Young Children are Scientists and Explorers
A central belief of Early Childhood Education Ethiopia is concerned with providing children the space, time, and encouragement to exercise their imagination. Children are interested and invested in their surroundings. They explore, test, challenge, and discover all the wonders in their immediate environment at first, and use these early experiences to build, venture out and gain advanced knowledge systems from a structured learning environment in primary grades. While play remains the most effective tool for all the domains of development, the environment which includes, teachers, peers, and other adults influence how children engage in imaginative play. Children’s involvement with the natural world is unique, they find everyday items overlooked by adults to build, mix, make noise and create. A worm slithering on the ground leaving prints from its movement ignites the young mind to ask, how can a small animal leave such a trail behind?
Allowing, encouraging, and celebrating children’s use of their outside environment to explore, is the beginning of the scientific inquiry. Sticks become small infrastructure, representing a bridge they crossed or saw in a book, lending themselves for future aspirations. Looking at ants marching in a uniformed line serves as the genesis for railway or structural engineers. Collaboration, listening to what friends say and how they add to the product, including finding out what makes the design work or break, allows children to test how things operate in their world. Learning is a continuous attempt of trials and errors. A hands-on experience where the child is actively contributing to her or his learning serves as the most productive medium for retaining knowledge.
Group of children playing with sticks found in the yard
What can teachers, parents, and community members do?

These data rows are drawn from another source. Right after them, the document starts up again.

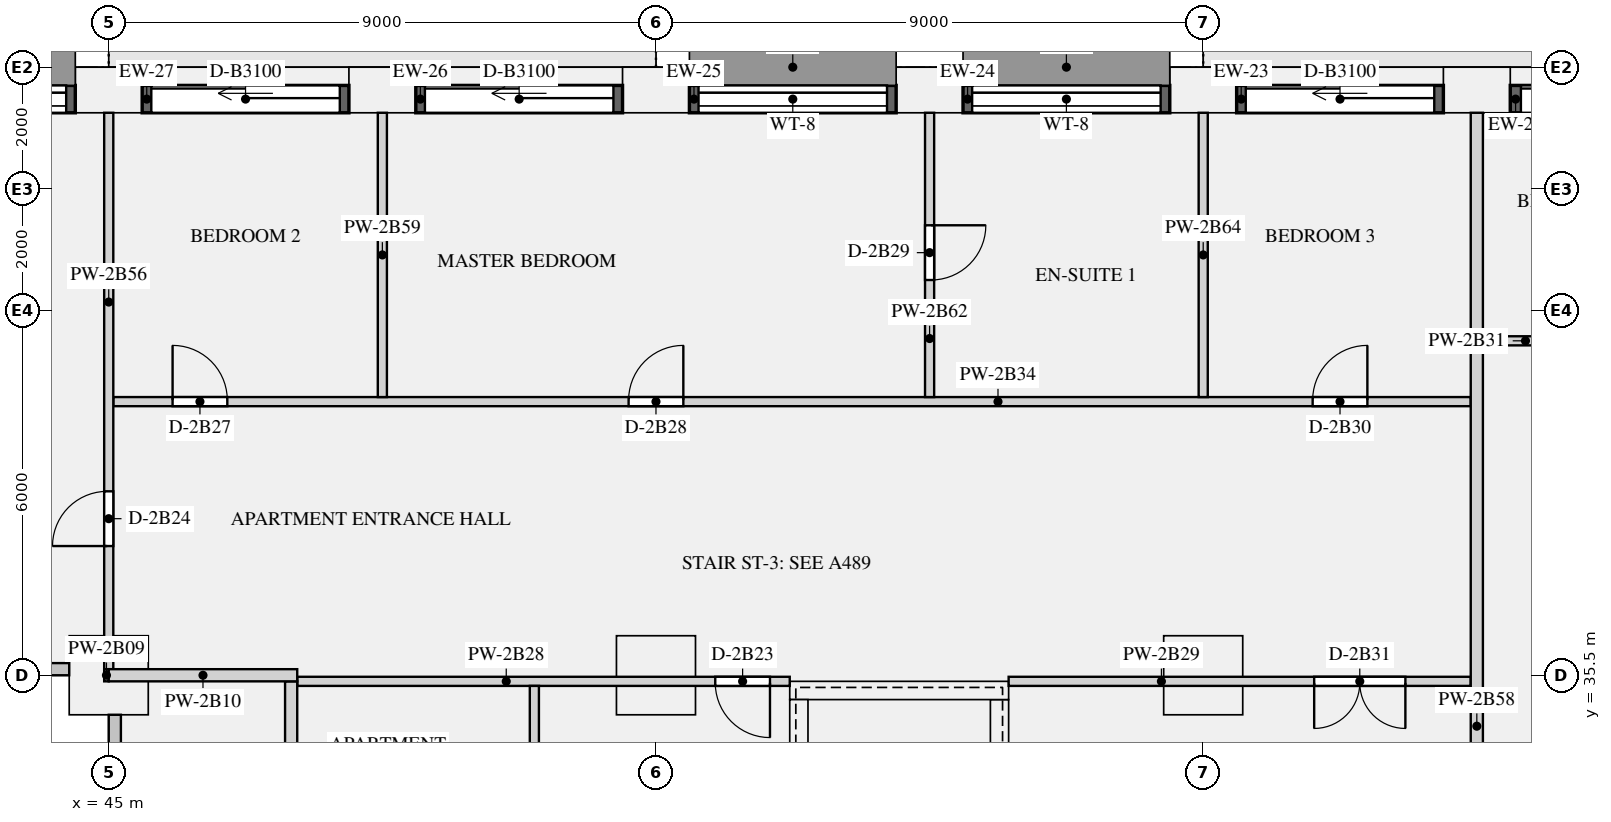
"""IFC4 building model, lengths in metres.
Left out: names, types, materials, properties, quantities, classifications, styles, units other than length and angle.
Written with IfcOpenShell. Run it as: python <this file> out.ifc"""

import sys

from ifc_helpers import new_model, si_unit, direction, frame, frame_2d, origin, origin_2d, place, context, subcontext, project, spatial, rectangle, extrude, element, fill, save


model = new_model("IFC4")
c1 = context("Model", 3, precision=1e-05, world=origin(), true_north=direction((0.0, 1.0)))
c2 = subcontext(c1, "Body", "Model", "MODEL_VIEW")
j1 = project(units=[si_unit("LENGTHUNIT", "METRE"), si_unit("PLANEANGLEUNIT", "RADIAN")], contexts=[c1])
p1 = place(None, origin())
s1 = spatial("IfcSite", under=j1, at=p1, CompositionType="ELEMENT")
p2 = place(p1, origin())
s2 = spatial("IfcBuilding", under=s1, at=p2, CompositionType="ELEMENT")
p3 = place(p2, frame((0.0, 0.0, 93.0)))
s3 = spatial("IfcBuildingStorey", under=s2, at=p3, CompositionType="ELEMENT", Elevation=93.0)
for number, where, z_axis, x_axis in (
    (1, (67.5, 45.125, 0.0), (0.0, 0.0, 1.0), (-1.0, 0.0, 0.0)),
    (2, (63.0, 45.125, 0.0), (0.0, 0.0, 1.0), (-1.0, 0.0, 0.0)),
    (3, (58.5, 45.125, 0.0), (0.0, 0.0, 1.0), (-1.0, 0.0, 0.0)),
    (4, (54.0, 45.125, 0.0), (0.0, 0.0, 1.0), (-1.0, 0.0, 0.0)),
    (5, (49.5, 45.125, 0.0), (0.0, 0.0, 1.0), (-1.0, 0.0, 0.0)),
    (6, (45.0, 45.125, 0.0), (0.0, 0.0, 1.0), (-1.0, 0.0, 0.0)),
):
    element("IfcColumn", number, at=place(p3, frame(where, z_axis=z_axis, x_axis=x_axis)), inside=s3, PredefinedType="USERDEFINED", context=c2, shape_type="SweptSolid", body=[
        extrude(rectangle(XDim=1.1, YDim=0.75, at=origin_2d()), origin(), (0.0, 0.0, 1.0), 3.15),
    ])
for number, where, z_axis, x_axis in (
    (7, (45.0, 35.5, 0.0), (0.0, 0.0, 1.0), (1.0, 0.0, 0.0)),
    (8, (54.0, 35.5, 0.0), (0.0, 0.0, 1.0), (1.0, 0.0, 0.0)),
    (9, (63.0, 35.5, 0.0), (0.0, 0.0, 1.0), (1.0, 0.0, 0.0)),
):
    element("IfcColumn", number, at=place(p3, frame(where, z_axis=z_axis, x_axis=x_axis)), inside=s3, PredefinedType="COLUMN", context=c2, shape_type="SweptSolid", body=[
        extrude(rectangle(XDim=1.3, YDim=1.3, at=origin_2d()), origin(), (0.0, 0.0, 1.0), 3.15),
    ])
p4 = place(p3, frame((56.2, 35.25, 0.0), z_axis=(0.0, 0.0, 1.0), x_axis=(1.0, 0.0, 0.0)))
e10 = element("IfcWall", 10, at=p4, inside=s3, PredefinedType="SHEAR", context=c2, shape_type="SweptSolid", body=[
    extrude(rectangle(XDim=3.6, YDim=0.3, at=frame_2d((1.8, 0.0))), origin(), (0.0, 0.0, 1.0), 3.15),
])
for number, where, z_axis, x_axis in (
    (11, (56.35, 27.3, 0.0), (0.0, 0.0, 1.0), (0.0, 1.0, 0.0)),
    (12, (59.65, 27.3, 0.0), (0.0, 0.0, 1.0), (0.0, 1.0, 0.0)),
):
    element("IfcWall", number, at=place(p3, frame(where, z_axis=z_axis, x_axis=x_axis)), inside=s3, PredefinedType="SHEAR", context=c2, shape_type="SweptSolid", body=[
        extrude(rectangle(XDim=7.8, YDim=0.3, at=frame_2d((3.9, 0.0))), origin(), (0.0, 0.0, 1.0), 3.15),
    ])
p5 = place(p3, frame((70.9, 44.975, 0.0), z_axis=(0.0, 0.0, 1.0), x_axis=(-1.0, 0.0, 0.0)))
e13 = element("IfcWall", 13, at=p5, inside=s3, PredefinedType="SOLIDWALL", context=c2, shape_type="SweptSolid", body=[
    extrude(rectangle(XDim=2.85, YDim=0.45, at=frame_2d((1.425, 0.0))), origin(), (0.0, 0.0, 1.0), 2.83),
])
p6 = place(p5, frame((0.175, 0.0, 0.0)))
e14 = element("IfcOpeningElement", 14, at=p6, cuts=e13, PredefinedType="OPENING", context=c2, shape_type="SweptSolid", body=[
    extrude(rectangle(XDim=2.5, YDim=2.3, at=frame_2d((1.25, 1.15))), frame((0.0, 0.235, 0.0), z_axis=(0.0, -1.0, 0.0), x_axis=(1.0, 0.0, 0.0)), (0.0, 0.0, 1.0), 0.47),
])
p7 = place(p3, frame((66.95, 44.975, 0.0), z_axis=(0.0, 0.0, 1.0), x_axis=(-1.0, 0.0, 0.0)))
e15 = element("IfcWall", 15, at=p7, inside=s3, PredefinedType="SOLIDWALL", context=c2, shape_type="SweptSolid", body=[
    extrude(rectangle(XDim=3.4, YDim=0.45, at=frame_2d((1.7, 0.0))), origin(), (0.0, 0.0, 1.0), 2.83),
])
p8 = place(p7, frame((0.15, 0.0, 0.0)))
e16 = element("IfcOpeningElement", 16, at=p8, cuts=e15, PredefinedType="OPENING", context=c2, shape_type="SweptSolid", body=[
    extrude(rectangle(XDim=3.1, YDim=2.3, at=frame_2d((1.55, 1.15))), frame((0.0, 0.235, 0.0), z_axis=(0.0, -1.0, 0.0), x_axis=(1.0, 0.0, 0.0)), (0.0, 0.0, 1.0), 0.47),
])
p9 = place(p3, frame((62.45, 44.975, 0.9), z_axis=(0.0, 0.0, 1.0), x_axis=(-1.0, 0.0, 0.0)))
e17 = element("IfcWall", 17, at=p9, inside=s3, PredefinedType="SOLIDWALL", context=c2, shape_type="SweptSolid", body=[
    extrude(rectangle(XDim=3.4, YDim=0.45, at=frame_2d((1.7, 0.0))), origin(), (0.0, 0.0, 1.0), 1.93),
])
p10 = place(p9, frame((0.15, 0.0, 0.15)))
e18 = element("IfcOpeningElement", 18, at=p10, cuts=e17, PredefinedType="OPENING", context=c2, shape_type="SweptSolid", body=[
    extrude(rectangle(XDim=3.1, YDim=1.5, at=frame_2d((1.55, 0.75))), frame((0.0, 0.235, 0.0), z_axis=(0.0, -1.0, 0.0), x_axis=(1.0, 0.0, 0.0)), (0.0, 0.0, 1.0), 0.47),
])
p11 = place(p3, frame((57.95, 44.975, 0.9), z_axis=(0.0, 0.0, 1.0), x_axis=(-1.0, 0.0, 0.0)))
e19 = element("IfcWall", 19, at=p11, inside=s3, PredefinedType="SOLIDWALL", context=c2, shape_type="SweptSolid", body=[
    extrude(rectangle(XDim=3.4, YDim=0.45, at=frame_2d((1.7, 0.0))), origin(), (0.0, 0.0, 1.0), 1.93),
])
p12 = place(p11, frame((0.15, 0.0, 0.15)))
e20 = element("IfcOpeningElement", 20, at=p12, cuts=e19, PredefinedType="OPENING", context=c2, shape_type="SweptSolid", body=[
    extrude(rectangle(XDim=3.1, YDim=1.5, at=frame_2d((1.55, 0.75))), frame((0.0, 0.235, 0.0), z_axis=(0.0, -1.0, 0.0), x_axis=(1.0, 0.0, 0.0)), (0.0, 0.0, 1.0), 0.47),
])
p13 = place(p3, frame((53.45, 44.975, 0.0), z_axis=(0.0, 0.0, 1.0), x_axis=(-1.0, 0.0, 0.0)))
e21 = element("IfcWall", 21, at=p13, inside=s3, PredefinedType="SOLIDWALL", context=c2, shape_type="SweptSolid", body=[
    extrude(rectangle(XDim=3.4, YDim=0.45, at=frame_2d((1.7, 0.0))), origin(), (0.0, 0.0, 1.0), 2.83),
])
p14 = place(p13, frame((0.15, 0.0, 0.0)))
e22 = element("IfcOpeningElement", 22, at=p14, cuts=e21, PredefinedType="OPENING", context=c2, shape_type="SweptSolid", body=[
    extrude(rectangle(XDim=3.1, YDim=2.3, at=frame_2d((1.55, 1.15))), frame((0.0, 0.235, 0.0), z_axis=(0.0, -1.0, 0.0), x_axis=(1.0, 0.0, 0.0)), (0.0, 0.0, 1.0), 0.47),
])
p15 = place(p3, frame((48.95, 44.975, 0.0), z_axis=(0.0, 0.0, 1.0), x_axis=(-1.0, 0.0, 0.0)))
e23 = element("IfcWall", 23, at=p15, inside=s3, PredefinedType="SOLIDWALL", context=c2, shape_type="SweptSolid", body=[
    extrude(rectangle(XDim=3.4, YDim=0.45, at=frame_2d((1.7, 0.0))), origin(), (0.0, 0.0, 1.0), 2.83),
])
p16 = place(p15, frame((0.15, 0.0, 0.0)))
e24 = element("IfcOpeningElement", 24, at=p16, cuts=e23, PredefinedType="OPENING", context=c2, shape_type="SweptSolid", body=[
    extrude(rectangle(XDim=3.1, YDim=2.3, at=frame_2d((1.55, 1.15))), frame((0.0, 0.235, 0.0), z_axis=(0.0, -1.0, 0.0), x_axis=(1.0, 0.0, 0.0)), (0.0, 0.0, 1.0), 0.47),
])
p17 = place(p3, frame((44.45, 44.975, 0.9), z_axis=(0.0, 0.0, 1.0), x_axis=(-1.0, 0.0, 0.0)))
e25 = element("IfcWall", 25, at=p17, inside=s3, PredefinedType="SOLIDWALL", context=c2, shape_type="SweptSolid", body=[
    extrude(rectangle(XDim=3.4, YDim=0.45, at=frame_2d((1.7, 0.0))), origin(), (0.0, 0.0, 1.0), 1.93),
])
p18 = place(p17, frame((0.15, 0.0, 0.15)))
e26 = element("IfcOpeningElement", 26, at=p18, cuts=e25, PredefinedType="OPENING", context=c2, shape_type="SweptSolid", body=[
    extrude(rectangle(XDim=3.1, YDim=1.5, at=frame_2d((1.55, 0.75))), frame((0.0, 0.235, 0.0), z_axis=(0.0, -1.0, 0.0), x_axis=(1.0, 0.0, 0.0)), (0.0, 0.0, 1.0), 0.47),
])
p19 = place(p3, frame((44.925, 35.5, 0.0), z_axis=(0.0, 0.0, 1.0), x_axis=(1.0, 0.0, 0.0)))
e27 = element("IfcWall", 27, at=p19, inside=s3, PredefinedType="PARTITIONING", context=c2, shape_type="SweptSolid", body=[
    extrude(rectangle(XDim=0.075, YDim=0.2, at=frame_2d((0.038, 0.0))), origin(), (0.0, 0.0, 1.0), 2.83),
])
p20 = place(p3, frame((45.0, 35.5, 0.0), z_axis=(0.0, 0.0, 1.0), x_axis=(1.0, 0.0, 0.0)))
e28 = element("IfcWall", 28, at=p20, inside=s3, PredefinedType="PARTITIONING", context=c2, shape_type="SweptSolid", body=[
    extrude(rectangle(XDim=3.1, YDim=0.2, at=frame_2d((1.55, 0.0))), origin(), (0.0, 0.0, 1.0), 2.83),
])
p21 = place(p3, frame((48.1, 35.4, 0.0), z_axis=(0.0, 0.0, 1.0), x_axis=(1.0, 0.0, 0.0)))
e29 = element("IfcWall", 29, at=p21, inside=s3, PredefinedType="PARTITIONING", context=c2, shape_type="SweptSolid", body=[
    extrude(rectangle(XDim=8.1, YDim=0.15, at=frame_2d((4.05, 0.0))), origin(), (0.0, 0.0, 1.0), 2.83),
])
p22 = place(p21, frame((6.875, 0.0, 0.0)))
e30 = element("IfcOpeningElement", 30, at=p22, cuts=e29, PredefinedType="OPENING", context=c2, shape_type="SweptSolid", body=[
    extrude(rectangle(XDim=0.9, YDim=2.1, at=frame_2d((0.45, 1.05))), frame((0.0, 0.085, 0.0), z_axis=(0.0, -1.0, 0.0), x_axis=(1.0, 0.0, 0.0)), (0.0, 0.0, 1.0), 0.17),
])
p23 = place(p3, frame((59.8, 35.4, 0.0), z_axis=(0.0, 0.0, 1.0), x_axis=(1.0, 0.0, 0.0)))
e31 = element("IfcWall", 31, at=p23, inside=s3, PredefinedType="PARTITIONING", context=c2, shape_type="SweptSolid", body=[
    extrude(rectangle(XDim=7.6, YDim=0.15, at=frame_2d((3.8, 0.0))), origin(), (0.0, 0.0, 1.0), 2.83),
])
p24 = place(p23, frame((5.025, 0.0, 0.0)))
e32 = element("IfcOpeningElement", 32, at=p24, cuts=e31, PredefinedType="OPENING", context=c2, shape_type="SweptSolid", body=[
    extrude(rectangle(XDim=1.5, YDim=2.1, at=frame_2d((0.75, 1.05))), frame((0.0, 0.085, 0.0), z_axis=(0.0, -1.0, 0.0), x_axis=(1.0, 0.0, 0.0)), (0.0, 0.0, 1.0), 0.17),
])
p25 = place(p3, frame((67.6, 41.0, 0.0), z_axis=(0.0, 0.0, 1.0), x_axis=(1.0, 0.0, 0.0)))
e33 = element("IfcWall", 33, at=p25, inside=s3, PredefinedType="PARTITIONING", context=c2, shape_type="SweptSolid", body=[
    extrude(rectangle(XDim=3.65, YDim=0.15, at=frame_2d((1.825, 0.0))), origin(), (0.0, 0.0, 1.0), 2.83),
])
p26 = place(p25, frame((1.4, 0.0, 0.0)))
e34 = element("IfcOpeningElement", 34, at=p26, cuts=e33, PredefinedType="OPENING", context=c2, shape_type="SweptSolid", body=[
    extrude(rectangle(XDim=0.9, YDim=2.1, at=frame_2d((0.45, 1.05))), frame((0.0, 0.085, 0.0), z_axis=(0.0, -1.0, 0.0), x_axis=(1.0, 0.0, 0.0)), (0.0, 0.0, 1.0), 0.17),
])
p27 = place(p3, frame((45.075, 40.0, 0.0), z_axis=(0.0, 0.0, 1.0), x_axis=(1.0, 0.0, 0.0)))
e35 = element("IfcWall", 35, at=p27, inside=s3, PredefinedType="PARTITIONING", context=c2, shape_type="SweptSolid", body=[
    extrude(rectangle(XDim=22.325, YDim=0.15, at=frame_2d((11.163, 0.0))), origin(), (0.0, 0.0, 1.0), 2.83),
])
p28 = place(p27, frame((0.975, 0.0, 0.0)))
e36 = element("IfcOpeningElement", 36, at=p28, cuts=e35, PredefinedType="OPENING", context=c2, shape_type="SweptSolid", body=[
    extrude(rectangle(XDim=0.9, YDim=2.1, at=frame_2d((0.45, 1.05))), frame((0.0, 0.085, 0.0), z_axis=(0.0, -1.0, 0.0), x_axis=(1.0, 0.0, 0.0)), (0.0, 0.0, 1.0), 0.17),
])
p29 = place(p27, frame((8.475, 0.0, 0.0)))
e37 = element("IfcOpeningElement", 37, at=p29, cuts=e35, PredefinedType="OPENING", context=c2, shape_type="SweptSolid", body=[
    extrude(rectangle(XDim=0.9, YDim=2.1, at=frame_2d((0.45, 1.05))), frame((0.0, 0.085, 0.0), z_axis=(0.0, -1.0, 0.0), x_axis=(1.0, 0.0, 0.0)), (0.0, 0.0, 1.0), 0.17),
])
p30 = place(p27, frame((19.725, 0.0, 0.0)))
e38 = element("IfcOpeningElement", 38, at=p30, cuts=e35, PredefinedType="OPENING", context=c2, shape_type="SweptSolid", body=[
    extrude(rectangle(XDim=0.9, YDim=2.1, at=frame_2d((0.45, 1.05))), frame((0.0, 0.085, 0.0), z_axis=(0.0, -1.0, 0.0), x_axis=(1.0, 0.0, 0.0)), (0.0, 0.0, 1.0), 0.17),
])
p31 = place(p3, frame((48.0, 27.1, 0.0), z_axis=(0.0, 0.0, 1.0), x_axis=(0.0, 1.0, 0.0)))
e39 = element("IfcWall", 39, at=p31, inside=s3, PredefinedType="PARTITIONING", context=c2, shape_type="SweptSolid", body=[
    extrude(rectangle(XDim=8.3, YDim=0.2, at=frame_2d((4.15, 0.0))), origin(), (0.0, 0.0, 1.0), 2.83),
])
p32 = place(p3, frame((52.0, 27.1, 0.0), z_axis=(0.0, 0.0, 1.0), x_axis=(0.0, 1.0, 0.0)))
e40 = element("IfcWall", 40, at=p32, inside=s3, PredefinedType="PARTITIONING", context=c2, shape_type="SweptSolid", body=[
    extrude(rectangle(XDim=8.225, YDim=0.15, at=frame_2d((4.112, 0.0))), origin(), (0.0, 0.0, 1.0), 2.83),
])
p33 = place(p32, frame((1.2, 0.0, 0.0)))
e41 = element("IfcOpeningElement", 41, at=p33, cuts=e40, PredefinedType="OPENING", context=c2, shape_type="SweptSolid", body=[
    extrude(rectangle(XDim=0.9, YDim=2.1, at=frame_2d((0.45, 1.05))), frame((0.0, 0.085, 0.0), z_axis=(0.0, -1.0, 0.0), x_axis=(1.0, 0.0, 0.0)), (0.0, 0.0, 1.0), 0.17),
])
p34 = place(p32, frame((5.4, 0.0, 0.0)))
e42 = element("IfcOpeningElement", 42, at=p34, cuts=e40, PredefinedType="OPENING", context=c2, shape_type="SweptSolid", body=[
    extrude(rectangle(XDim=0.9, YDim=2.1, at=frame_2d((0.45, 1.05))), frame((0.0, 0.085, 0.0), z_axis=(0.0, -1.0, 0.0), x_axis=(1.0, 0.0, 0.0)), (0.0, 0.0, 1.0), 0.17),
])
p35 = place(p3, frame((45.0, 35.6, 0.0), z_axis=(0.0, 0.0, 1.0), x_axis=(0.0, 1.0, 0.0)))
e43 = element("IfcWall", 43, at=p35, inside=s3, PredefinedType="PARTITIONING", context=c2, shape_type="SweptSolid", body=[
    extrude(rectangle(XDim=9.15, YDim=0.15, at=frame_2d((4.575, 0.0))), origin(), (0.0, 0.0, 1.0), 2.83),
])
p36 = place(p35, frame((2.025, 0.0, 0.0)))
e44 = element("IfcOpeningElement", 44, at=p36, cuts=e43, PredefinedType="OPENING", context=c2, shape_type="SweptSolid", body=[
    extrude(rectangle(XDim=0.9, YDim=2.1, at=frame_2d((0.45, 1.05))), frame((0.0, 0.085, 0.0), z_axis=(0.0, -1.0, 0.0), x_axis=(1.0, 0.0, 0.0)), (0.0, 0.0, 1.0), 0.17),
])
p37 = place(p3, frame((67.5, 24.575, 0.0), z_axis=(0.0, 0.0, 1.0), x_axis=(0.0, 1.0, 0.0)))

Learning happens everywhere, every day, and every minute for the growing child. As previously mentioned interacting with nature, spending time outside, and allowing children to explore the environment serves as the building blocks for lifelong learning. Parents interested in children’s creations add immeasurable value to children’s curiosity and learning. Invite children to explain their thinking, and share how you played as a child, emphasizing its similarity of differences. Join them in their play without judging or minimizing their efforts. Teachers, and fellow children’s interests, add to it and become learners of students’ patterns of inquiry and exploration. Show genuine joy in their play by engaging, observing, and integrating it into the curriculum.